5 minute read

Tool calling is a way to enable LLM to use external tools. In OpenAI, it is called “function calling”. Here, these two terms are used interchangeably. Via function calling, LLM can fetch data or take actions like sending emails. With those capabilities, LLM can be used to build rich workflow and interaction with Application UIs.

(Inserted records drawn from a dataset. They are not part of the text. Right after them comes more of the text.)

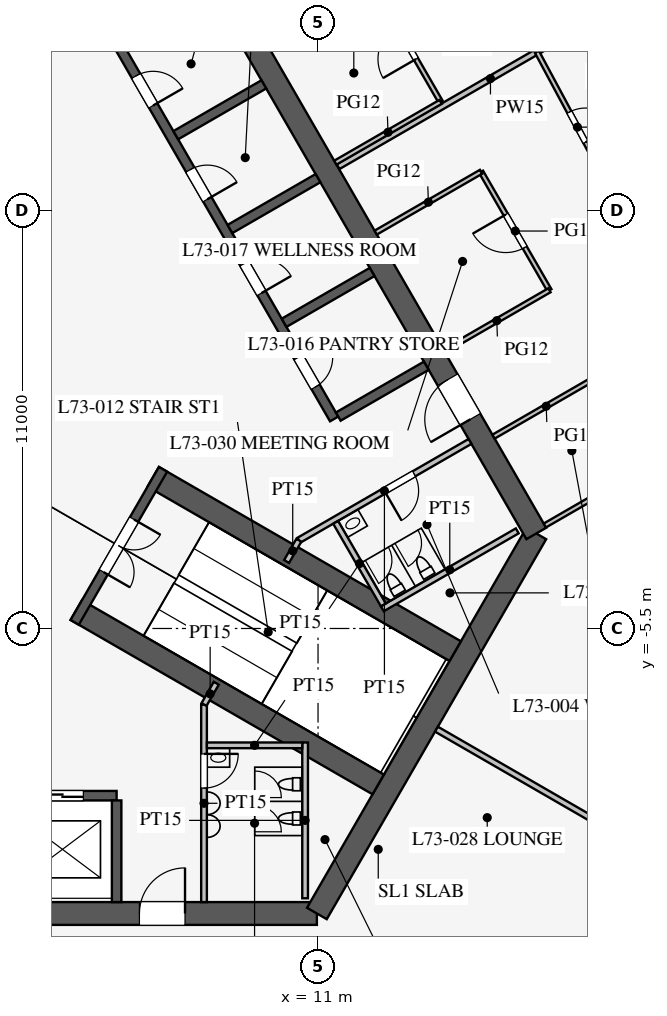
"""IFC4 building model, lengths in metres.
Left out: names, types, materials, properties, quantities, classifications, styles, units other than length and angle.
Written with IfcOpenShell. Run it as: python <this file> out.ifc"""

import sys

from ifc_helpers import new_model, si_unit, direction, frame, frame_2d, origin, place, context, subcontext, project, spatial, rectangle, extrude, element, fill, save


model = new_model("IFC4")
c1 = context("Model", 3, precision=1e-05, world=origin(), true_north=direction((0.0, 1.0)))
c2 = subcontext(c1, "Body", "Model", "MODEL_VIEW")
j1 = project(units=[si_unit("LENGTHUNIT", "METRE"), si_unit("PLANEANGLEUNIT", "RADIAN")], contexts=[c1])
p1 = place(None, origin())
s1 = spatial("IfcSite", under=j1, at=p1, CompositionType="ELEMENT")
p2 = place(p1, origin())
s2 = spatial("IfcBuilding", under=s1, at=p2, CompositionType="ELEMENT")
p3 = place(p2, frame((0.0, 0.0, 318.3)))
s3 = spatial("IfcBuildingStorey", under=s2, at=p3, CompositionType="ELEMENT", Elevation=318.3)
p4 = place(p3, frame((-10.97, -13.0, 0.0), z_axis=(0.0, 0.0, 1.0), x_axis=(1.0, 0.0, 0.0)))
e1 = element("IfcWall", 1, at=p4, inside=s3, PredefinedType="SHEAR", context=c2, shape_type="SweptSolid", body=[
    extrude(rectangle(XDim=21.939, YDim=0.6, at=frame_2d((10.97, 0.0))), origin(), (0.0, 0.0, 1.0), 4.2),
])
p5 = place(p4, frame((17.27, 0.0, 0.0)))
e2 = element("IfcOpeningElement", 2, at=p5, cuts=e1, PredefinedType="OPENING", context=c2, shape_type="SweptSolid", body=[
    extrude(rectangle(XDim=1.2, YDim=2.1, at=frame_2d((0.6, 1.05))), frame((0.0, 0.31, 0.0), z_axis=(0.0, -1.0, 0.0), x_axis=(1.0, 0.0, 0.0)), (0.0, 0.0, 1.0), 0.62),
])
p6 = place(p4, frame((3.47, 0.0, 0.0)))
e3 = element("IfcOpeningElement", 3, at=p6, cuts=e1, PredefinedType="OPENING", context=c2, shape_type="SweptSolid", body=[
    extrude(rectangle(XDim=1.2, YDim=2.1, at=frame_2d((0.6, 1.05))), frame((0.0, 0.31, 0.0), z_axis=(0.0, -1.0, 0.0), x_axis=(1.0, 0.0, 0.0)), (0.0, 0.0, 1.0), 0.62),
])
p7 = place(p3, frame((10.97, -13.0, 0.0), z_axis=(0.0, 0.0, 1.0), x_axis=(0.499995765644, 0.866027848477, 0.0)))
e4 = element("IfcWall", 4, at=p7, inside=s3, PredefinedType="SHEAR", context=c2, shape_type="SweptSolid", body=[
    extrude(rectangle(XDim=11.547, YDim=0.6, at=frame_2d((5.773, 0.0))), origin(), (0.0, 0.0, 1.0), 4.2),
])
p8 = place(p3, frame((16.743, -3.0, 0.0), z_axis=(0.0, 0.0, 1.0), x_axis=(-0.500002442456, 0.866023993627, 0.0)))
e5 = element("IfcWall", 5, at=p8, inside=s3, PredefinedType="SHEAR", context=c2, shape_type="SweptSolid", body=[
    extrude(rectangle(XDim=21.939, YDim=0.6, at=frame_2d((10.97, 0.0))), origin(), (0.0, 0.0, 1.0), 4.2),
])
p9 = place(p8, frame((17.27, 0.0, 0.0)))
e6 = element("IfcOpeningElement", 6, at=p9, cuts=e5, PredefinedType="OPENING", context=c2, shape_type="SweptSolid", body=[
    extrude(rectangle(XDim=1.2, YDim=2.1, at=frame_2d((0.6, 1.05))), frame((0.0, 0.31, 0.0), z_axis=(0.0, -1.0, 0.0), x_axis=(1.0, 0.0, 0.0)), (0.0, 0.0, 1.0), 0.62),
])
p10 = place(p8, frame((3.47, 0.0, 0.0)))
e7 = element("IfcOpeningElement", 7, at=p10, cuts=e5, PredefinedType="OPENING", context=c2, shape_type="SweptSolid", body=[
    extrude(rectangle(XDim=1.2, YDim=2.1, at=frame_2d((0.6, 1.05))), frame((0.0, 0.31, 0.0), z_axis=(0.0, -1.0, 0.0), x_axis=(1.0, 0.0, 0.0)), (0.0, 0.0, 1.0), 0.62),
])
p11 = place(p3, frame((-5.7, -9.9, 0.0), z_axis=(0.0, 0.0, 1.0), x_axis=(1.0, 0.0, 0.0)))
e8 = element("IfcWall", 8, at=p11, inside=s3, PredefinedType="SHEAR", context=c2, shape_type="SweptSolid", body=[
    extrude(rectangle(XDim=11.4, YDim=0.25, at=frame_2d((5.7, 0.0))), origin(), (0.0, 0.0, 1.0), 4.2),
])
p12 = place(p11, frame((0.875, 0.0, 0.0)))
e9 = element("IfcOpeningElement", 9, at=p12, cuts=e8, PredefinedType="OPENING", context=c2, shape_type="SweptSolid", body=[
    extrude(rectangle(XDim=1.1, YDim=2.2, at=frame_2d((0.55, 1.1))), frame((0.0, 0.135, 0.0), z_axis=(0.0, -1.0, 0.0), x_axis=(1.0, 0.0, 0.0)), (0.0, 0.0, 1.0), 0.27),
])
p13 = place(p11, frame((3.725, 0.0, 0.0)))
e10 = element("IfcOpeningElement", 10, at=p13, cuts=e8, PredefinedType="OPENING", context=c2, shape_type="SweptSolid", body=[
    extrude(rectangle(XDim=1.1, YDim=2.2, at=frame_2d((0.55, 1.1))), frame((0.0, 0.135, 0.0), z_axis=(0.0, -1.0, 0.0), x_axis=(1.0, 0.0, 0.0)), (0.0, 0.0, 1.0), 0.27),
])
p14 = place(p11, frame((6.575, 0.0, 0.0)))
e11 = element("IfcOpeningElement", 11, at=p14, cuts=e8, PredefinedType="OPENING", context=c2, shape_type="SweptSolid", body=[
    extrude(rectangle(XDim=1.1, YDim=2.2, at=frame_2d((0.55, 1.1))), frame((0.0, 0.135, 0.0), z_axis=(0.0, -1.0, 0.0), x_axis=(1.0, 0.0, 0.0)), (0.0, 0.0, 1.0), 0.27),
])
p15 = place(p11, frame((9.425, 0.0, 0.0)))
e12 = element("IfcOpeningElement", 12, at=p15, cuts=e8, PredefinedType="OPENING", context=c2, shape_type="SweptSolid", body=[
    extrude(rectangle(XDim=1.1, YDim=2.2, at=frame_2d((0.55, 1.1))), frame((0.0, 0.135, 0.0), z_axis=(0.0, -1.0, 0.0), x_axis=(1.0, 0.0, 0.0)), (0.0, 0.0, 1.0), 0.27),
])
p16 = place(p3, frame((5.7, -10.025, 0.0), z_axis=(0.0, 0.0, 1.0), x_axis=(0.0, -1.0, 0.0)))
e13 = element("IfcWall", 13, at=p16, inside=s3, PredefinedType="SHEAR", context=c2, shape_type="SweptSolid", body=[
    extrude(rectangle(XDim=2.675, YDim=0.25, at=frame_2d((1.337, 0.0))), origin(), (0.0, 0.0, 1.0), 4.2),
])
p17 = place(p3, frame((11.424, 0.014, 0.0), z_axis=(0.0, 0.0, 1.0), x_axis=(-0.500001763848, 0.866024385424, 0.0)))
e14 = element("IfcWall", 14, at=p17, inside=s3, PredefinedType="SHEAR", context=c2, shape_type="SweptSolid", body=[
    extrude(rectangle(XDim=11.4, YDim=0.25, at=frame_2d((5.7, 0.0))), origin(), (0.0, 0.0, 1.0), 4.2),
])
p18 = place(p17, frame((0.975, 0.0, 0.0)))
e15 = element("IfcOpeningElement", 15, at=p18, cuts=e14, PredefinedType="OPENING", context=c2, shape_type="SweptSolid", body=[
    extrude(rectangle(XDim=0.9, YDim=2.1, at=frame_2d((0.45, 1.05))), frame((0.0, 0.135, 0.0), z_axis=(0.0, -1.0, 0.0), x_axis=(1.0, 0.0, 0.0)), (0.0, 0.0, 1.0), 0.27),
])
p19 = place(p17, frame((3.825, 0.0, 0.0)))
e16 = element("IfcOpeningElement", 16, at=p19, cuts=e14, PredefinedType="OPENING", context=c2, shape_type="SweptSolid", body=[
    extrude(rectangle(XDim=0.9, YDim=2.1, at=frame_2d((0.45, 1.05))), frame((0.0, 0.135, 0.0), z_axis=(0.0, -1.0, 0.0), x_axis=(1.0, 0.0, 0.0)), (0.0, 0.0, 1.0), 0.27),
])
p20 = place(p17, frame((6.675, 0.0, 0.0)))
e17 = element("IfcOpeningElement", 17, at=p20, cuts=e14, PredefinedType="OPENING", context=c2, shape_type="SweptSolid", body=[
    extrude(rectangle(XDim=0.9, YDim=2.1, at=frame_2d((0.45, 1.05))), frame((0.0, 0.135, 0.0), z_axis=(0.0, -1.0, 0.0), x_axis=(1.0, 0.0, 0.0)), (0.0, 0.0, 1.0), 0.27),
])
p21 = place(p17, frame((9.525, 0.0, 0.0)))
e18 = element("IfcOpeningElement", 18, at=p21, cuts=e14, PredefinedType="OPENING", context=c2, shape_type="SweptSolid", body=[
    extrude(rectangle(XDim=0.9, YDim=2.1, at=frame_2d((0.45, 1.05))), frame((0.0, 0.135, 0.0), z_axis=(0.0, -1.0, 0.0), x_axis=(1.0, 0.0, 0.0)), (0.0, 0.0, 1.0), 0.27),
])
for number, where, z_axis, x_axis in (
    (19, (11.532, 0.076, 0.0), (0.0, 0.0, 1.0), (0.866, 0.5, 0.0)),
    (20, (10.107, 2.544, 0.0), (0.0, 0.0, 1.0), (0.866, 0.5, 0.0)),
    (21, (8.682, 5.012, 0.0), (0.0, 0.0, 1.0), (0.866, 0.5, 0.0)),
    (22, (7.257, 7.481, 0.0), (0.0, 0.0, 1.0), (0.866, 0.5, 0.0)),
):
    element("IfcWall", number, at=place(p3, frame(where, z_axis=z_axis, x_axis=x_axis)), inside=s3, PredefinedType="SHEAR", context=c2, shape_type="SweptSolid", body=[
        extrude(rectangle(XDim=2.675, YDim=0.25, at=frame_2d((1.337, 0.0))), origin(), (0.0, 0.0, 1.0), 4.2),
    ])
p22 = place(p3, frame((4.638, -5.016, 0.0), z_axis=(0.0, 0.0, 1.0), x_axis=(0.866012320003, -0.50002266109, 0.0)))
e23 = element("IfcWall", 23, at=p22, inside=s3, PredefinedType="SHEAR", context=c2, shape_type="SweptSolid", body=[
    extrude(rectangle(XDim=9.175, YDim=0.6, at=frame_2d((4.587, 0.0))), origin(), (0.0, 0.0, 1.0), 4.2),
])
p23 = place(p3, frame((6.663, -1.509, 0.0), z_axis=(0.0, 0.0, 1.0), x_axis=(0.86603049496, -0.499991181721, 0.0)))
e24 = element("IfcWall", 24, at=p23, inside=s3, PredefinedType="SHEAR", context=c2, shape_type="SweptSolid", body=[
    extrude(rectangle(XDim=9.175, YDim=0.6, at=frame_2d((4.587, 0.0))), origin(), (0.0, 0.0, 1.0), 4.2),
])
p24 = place(p3, frame((4.597, -5.339, 0.0), z_axis=(0.0, 0.0, 1.0), x_axis=(0.499984536904, 0.866034331223, 0.0)))
e25 = element("IfcWall", 25, at=p24, inside=s3, PredefinedType="SHEAR", context=c2, shape_type="SweptSolid", body=[
    extrude(rectangle(XDim=4.65, YDim=0.25, at=frame_2d((2.325, 0.0))), origin(), (0.0, 0.0, 1.0), 4.2),
])
p25 = place(p24, frame((1.525, 0.0, 0.0)))
e26 = element("IfcOpeningElement", 26, at=p25, cuts=e25, PredefinedType="OPENING", context=c2, shape_type="SweptSolid", body=[
    extrude(rectangle(XDim=1.6, YDim=2.1, at=frame_2d((0.8, 1.05))), frame((0.0, 0.135, 0.0), z_axis=(0.0, -1.0, 0.0), x_axis=(1.0, 0.0, 0.0)), (0.0, 0.0, 1.0), 0.27),
])
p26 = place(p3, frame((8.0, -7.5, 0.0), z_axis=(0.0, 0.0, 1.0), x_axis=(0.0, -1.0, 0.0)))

The lifecycle of a tool call is as follows:

Prompt

  1. Tool Creation: Create a tool using @tool decorator to link a function with its schema.
  2. Tool Binding: Connect the tool to a compatible model.
  3. Tool Calling: Model invokes the tool with appropriate inputs.
  4. Tool Execution: Tool runs with the model-provided arguments.

The dummy code is as follows:

# Tool creation
tools = [my_tool]
# Tool binding
model_with_tools = model.bind_tools(tools)
# Tool calling 
response = model_with_tools.invoke(user_input)

Tool

Tools are a way to wrap a function and its schema in a way that can be passed to a ChatModel. The interface of a tool is as follows:

The schema should have the following fields:

  • name: The name of the tool.
  • description: A brief description of what the tool does.
  • args: Property that returns the JSON schema for the tool’s arguments.

The key methods to execute a tool are as follows:

  • invoke: Execute the tool with the provided arguments.

LangChain has a large number of 3rd party tools that can be used directly. The full list can be found here. For example, we can use the TavilySearch tool to search the web.

Search Tool

Langchain has a decorator @tool to create a tool. Via this decorator, we can simplifies the process of creating a tool.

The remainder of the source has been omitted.